# [solved]Sicherheitsloch bei sudo su

## scurrell

ist nur sab.

Mist, das war Quatsch. Sorry.

----------

## SkaaliaN

Hallo,

 *Quote:*   

> /etc/sudoers

 

Schau da mal rein.

Edit: Wie oft noch? Lass zur Not deinen Post stehen und schreib EDIT:...

----------

## cryptosteve

 *metal1ty wrote:*   

> Edit: Wie oft noch? Lass zur Not deinen Post stehen und schreib EDIT:...

 

Ja, finde ich jetzt auch schade. Was war quatsch? Vielleicht hätten andere noch was lernen können?!

----------

## toralf

[quote="cryptosteve"] *metal1ty wrote:*   

> Vielleicht hätten andere noch was lernen können?!

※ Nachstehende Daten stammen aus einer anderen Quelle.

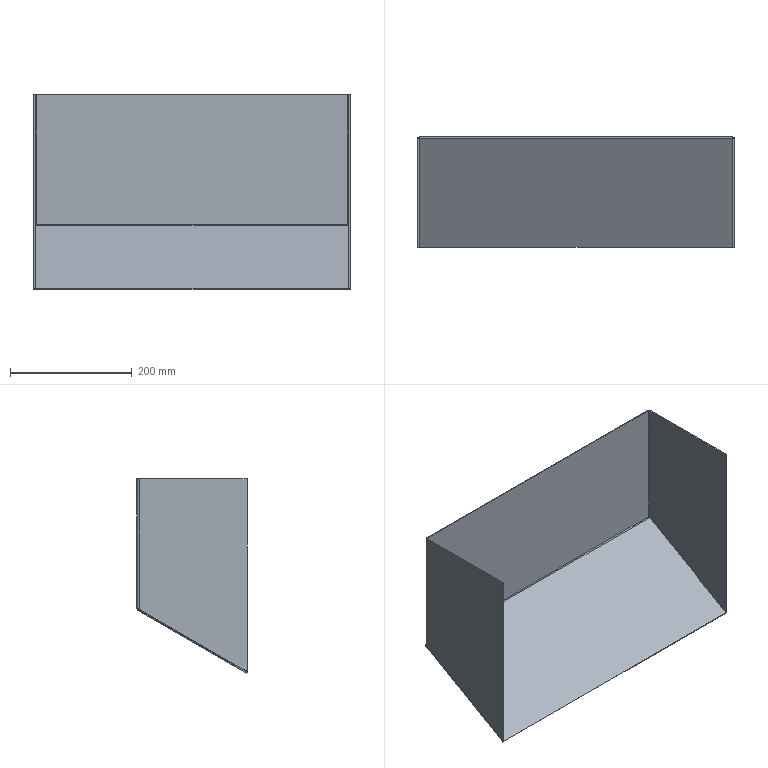Component | SolidWorks | RearLeftSidePlateAssembly-2_RearLeftSidePlateAirInletBaffle-3 | 1 solid | 32 faces | box 520 x 181 x 320 mm | volume 628304 mm3 | plane 24 | cylinder 6 | spline 2 | commonest cylinder face diameters 8 x3 4 x3 | material Plain Carbon Steel
STEP:
#1=COLOUR_RGB('',0.7922,0.8196,0.9333);
#2=FILL_AREA_STYLE_COLOUR('',#1);
#3=FILL_AREA_STYLE('',(#2));
#4=SURFACE_STYLE_FILL_AREA(#3);
#5=SURFACE_SIDE_STYLE('',(#4));
#6=SURFACE_STYLE_USAGE(.BOTH.,#5);
#7=PRESENTATION_STYLE_ASSIGNMENT((#6));
#8=CARTESIAN_POINT('',(98.555,5.691,77.381));
#9=VERTEX_POINT('',#8);
#10=CARTESIAN_POINT('',(98.555,5.691,68.965));
#11=VERTEX_POINT('',#10);
#12=CARTESIAN_POINT('',(98.555,5.691,77.381));
#13=DIRECTION('',(0.,-0.,-1.));
#14=VECTOR('',#13,39.37);
#15=LINE('',#12,#14);
#16=EDGE_CURVE('',#9,#11,#15,.T.);
#17=ORIENTED_EDGE('',*,*,#16,.F.);
#18=CARTESIAN_POINT('',(78.397,5.691,77.381));
#19=VERTEX_POINT('',#18);
#20=CARTESIAN_POINT('',(78.24,5.691,77.381));
#21=DIRECTION('',(1.,0.,-0.));
#22=VECTOR('',#21,39.37);
#23=LINE('',#20,#22);
#24=EDGE_CURVE('',#19,#9,#23,.T.);
#25=ORIENTED_EDGE('',*,*,#24,.F.);
#26=CARTESIAN_POINT('',(78.397,5.691,68.965));
#27=VERTEX_POINT('',#26);
#28=CARTESIAN_POINT('',(78.397,5.691,68.92));
#29=DIRECTION('',(-0.,0.,1.));
#30=VECTOR('',#29,39.37);
#31=LINE('',#28,#30);
#32=EDGE_CURVE('',#27,#19,#31,.T.);
#33=ORIENTED_EDGE('',*,*,#32,.F.);
#34=CARTESIAN_POINT('',(78.24,5.691,68.965));
#35=DIRECTION('',(1.,0.,-0.));
#36=VECTOR('',#35,39.37);
#37=LINE('',#34,#36);
#38=EDGE_CURVE('',#27,#11,#37,.T.);
#39=ORIENTED_EDGE('',*,*,#38,.T.);
#40=EDGE_LOOP('',(#17,#25,#33,#39));
#41=FACE_OUTER_BOUND('',#40,.T.);
#42=CARTESIAN_POINT('',(78.24,5.691,68.874));
#43=DIRECTION('',(-0.,1.,-0.));
#44=DIRECTION('',(-1.,-0.,0.));
#45=AXIS2_PLACEMENT_3D('',#42,#43,#44);
#46=PLANE('',#45);
#47=ADVANCED_FACE('',(#41),#46,.F.);
#48=CARTESIAN_POINT('',(78.397,5.77,77.381));
#49=VERTEX_POINT('',#48);
#50=CARTESIAN_POINT('',(98.555,5.77,77.381));
#51=VERTEX_POINT('',#50);
#52=CARTESIAN_POINT('',(78.24,5.77,77.381));
#53=DIRECTION('',(1.,0.,-0.));
#54=VECTOR('',#53,39.37);
#55=LINE('',#52,#54);
#56=EDGE_CURVE('',#49,#51,#55,.T.);
#57=ORIENTED_EDGE('',*,*,#56,.T.);
#58=CARTESIAN_POINT('',(98.555,5.77,68.965));
#59=VERTEX_POINT('',#58);
#60=CARTESIAN_POINT('',(98.555,5.77,77.381));
#61=DIRECTION('',(0.,-0.,-1.));
#62=VECTOR('',#61,39.37);
#63=LINE('',#60,#62);
#64=EDGE_CURVE('',#51,#59,#63,.T.);
#65=ORIENTED_EDGE('',*,*,#64,.T.);
#66=CARTESIAN_POINT('',(78.397,5.77,68.965));
#67=VERTEX_POINT('',#66);
#68=CARTESIAN_POINT('',(78.24,5.77,68.965));
#69=DIRECTION('',(1.,0.,-0.));
#70=VECTOR('',#69,39.37);
#71=LINE('',#68,#70);
#72=EDGE_CURVE('',#67,#59,#71,.T.);
#73=ORIENTED_EDGE('',*,*,#72,.F.);
#74=CARTESIAN_POINT('',(78.397,5.77,68.92));
#75=DIRECTION('',(-0.,0.,1.));
#76=VECTOR('',#75,39.37);
#77=LINE('',#74,#76);
#78=EDGE_CURVE('',#67,#49,#77,.T.);
#79=ORIENTED_EDGE('',*,*,#78,.T.);
#80=EDGE_LOOP('',(#57,#65,#73,#79));
#81=FACE_OUTER_BOUND('',#80,.T.);
#82=CARTESIAN_POINT('',(78.24,5.77,68.874));
#83=DIRECTION('',(-0.,1.,-0.));
#84=DIRECTION('',(-1.,-0.,0.));
#85=AXIS2_PLACEMENT_3D('',#82,#83,#84);
#86=PLANE('',#85);
#87=ADVANCED_FACE('',(#81),#86,.T.);
#88=ORIENTED_EDGE('',*,*,#24,.T.);
#89=CARTESIAN_POINT('',(98.555,5.691,77.381));
#90=DIRECTION('',(-0.,1.,-0.));
#91=VECTOR('',#90,39.37);
#92=LINE('',#89,#91);
#93=EDGE_CURVE('',#9,#51,#92,.T.);
#94=ORIENTED_EDGE('',*,*,#93,.T.);
#95=ORIENTED_EDGE('',*,*,#56,.F.);
#96=CARTESIAN_POINT('',(78.397,5.691,77.381));
#97=DIRECTION('',(-0.,1.,-0.));
#98=VECTOR('',#97,39.37);
#99=LINE('',#96,#98);
#100=EDGE_CURVE('',#19,#49,#99,.T.);
#101=ORIENTED_EDGE('',*,*,#100,.F.);
#102=EDGE_LOOP('',(#88,#94,#95,#101));
#103=FACE_OUTER_BOUND('',#102,.T.);
#104=CARTESIAN_POINT('',(78.24,5.77,77.381));
#105=DIRECTION('',(0.,0.,1.));
#106=DIRECTION('',(-1.,-0.,0.));
#107=AXIS2_PLACEMENT_3D('',#104,#105,#106);
#108=PLANE('',#107);
#109=ADVANCED_FACE('',(#103),#108,.T.);
#110=CARTESIAN_POINT('',(78.24,5.77,68.965));
#111=VERTEX_POINT('',#110);
#112=CARTESIAN_POINT('',(78.24,5.691,68.965));
#113=VERTEX_POINT('',#112);
#114=CARTESIAN_POINT('',(78.24,5.77,68.965));
#115=DIRECTION('',(0.,-1.,0.));
#116=VECTOR('',#115,39.37);
#117=LINE('',#114,#116);
#118=EDGE_CURVE('',#111,#113,#117,.T.);
#119=ORIENTED_EDGE('',*,*,#118,.F.);
#120=CARTESIAN_POINT('',(78.24,5.691,68.829));
#121=VERTEX_POINT('',#120);
#122=CARTESIAN_POINT('',(78.24,5.612,68.965));
#123=DIRECTION('',(1.,0.,-0.));
#124=DIRECTION('',(0.,-1.,0.));
#125=AXIS2_PLACEMENT_3D('',#122,#123,#124);
#126=CIRCLE('',#125,0.1575);
#127=EDGE_CURVE('',#121,#111,#126,.T.);
#128=ORIENTED_EDGE('',*,*,#127,.F.);
#129=CARTESIAN_POINT('',(78.24,5.652,68.897));
#130=VERTEX_POINT('',#129);
#131=CARTESIAN_POINT('',(78.24,5.652,68.897));
#132=DIRECTION('',(-0.,0.5,-0.866));
#133=VECTOR('',#132,39.37);
#134=LINE('',#131,#133);
#135=EDGE_CURVE('',#130,#121,#134,.T.);
#136=ORIENTED_EDGE('',*,*,#135,.F.);
#137=CARTESIAN_POINT('',(78.24,5.612,68.965));
#138=DIRECTION('',(1.,0.,-0.));
#139=DIRECTION('',(0.,-1.,0.));
#140=AXIS2_PLACEMENT_3D('',#137,#138,#139);
#141=CIRCLE('',#140,0.07874);
#142=EDGE_CURVE('',#130,#113,#141,.T.);
#143=ORIENTED_EDGE('',*,*,#142,.T.);
#144=EDGE_LOOP('',(#119,#128,#136,#143));
#145=FACE_OUTER_BOUND('',#144,.T.);
#146=CARTESIAN_POINT('',(78.24,5.77,68.965));
#147=DIRECTION('',(-1.,-0.,0.));
#148=DIRECTION('',(0.,-1.,0.));
#149=AXIS2_PLACEMENT_3D('',#146,#147,#148);
#150=PLANE('',#149);
#151=ADVANCED_FACE('',(#145),#150,.T.);
#152=CARTESIAN_POINT('',(98.712,5.691,68.829));
#153=VERTEX_POINT('',#152);
#154=CARTESIAN_POINT('',(98.712,5.652,68.897));
#155=VERTEX_POINT('',#154);
#156=CARTESIAN_POINT('',(98.712,5.691,68.829));
#157=DIRECTION('',(0.,-0.5,0.866));
#158=VECTOR('',#157,39.37);
#159=LINE('',#156,#158);
#160=EDGE_CURVE('',#153,#155,#159,.T.);
#161=ORIENTED_EDGE('',*,*,#160,.F.);
#162=CARTESIAN_POINT('',(98.712,5.77,68.965));
#163=VERTEX_POINT('',#162);
#164=CARTESIAN_POINT('',(98.712,5.612,68.965));
#165=DIRECTION('',(1.,0.,-0.));
#166=DIRECTION('',(0.,-1.,0.));
#167=AXIS2_PLACEMENT_3D('',#164,#165,#166);
#168=CIRCLE('',#167,0.1575);
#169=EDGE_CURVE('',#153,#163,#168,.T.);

 Erst denken, dann posten ?  :Wink: 

----------

## scurrell

 *cryptosteve wrote:*   

> 
> 
> Ja, finde ich jetzt auch schade. Was war quatsch? Vielleicht hätten andere noch was lernen können?!

 

Also, das ist mir jetzt etwas peinlich.

In dem Moment, als ich das Thema hier ins Forum stellte, fielen die Tomaten von den Augen.

Ich hab auf eure Ratschlaege gehoert und mir Sabayon installiert.

Da kann ich meinen (AVF)*1 voll ausleben.

Gleichzeitig kann ich aber auch meinen (FFFS)*2 machen. (s.Anlage)

Nun gehe ich schritt4schritt. Programm installieren, giyf, blocks loesen, speichern, fertisch.

(OT: Also bei M$ hat mich das ja auch nie gestoert. setup.exe->laeuft->fertig. Und bei Linux muss das alles superduperhyper Prozessor-optimiert sein ? )

--------------

Aufgabe: gentoo/funtoo installieren

Problem: xorg meldet (EE no screen found) oder caught signal 2

Loesung: Sabayon strippen

1-2 Programme installieren, nachchecken, sichern, und immer wieder sudo su, sudo su, sudo su

--------------

Nun hatte ich mich vertippt,...... sudo du 

Gab das <user>-pw ein und error 16[some spaces][ein punkt]

Also nochmal, sudo su

Und bin drin als root ohne pw ( Edit: PW-cache for sudo in session )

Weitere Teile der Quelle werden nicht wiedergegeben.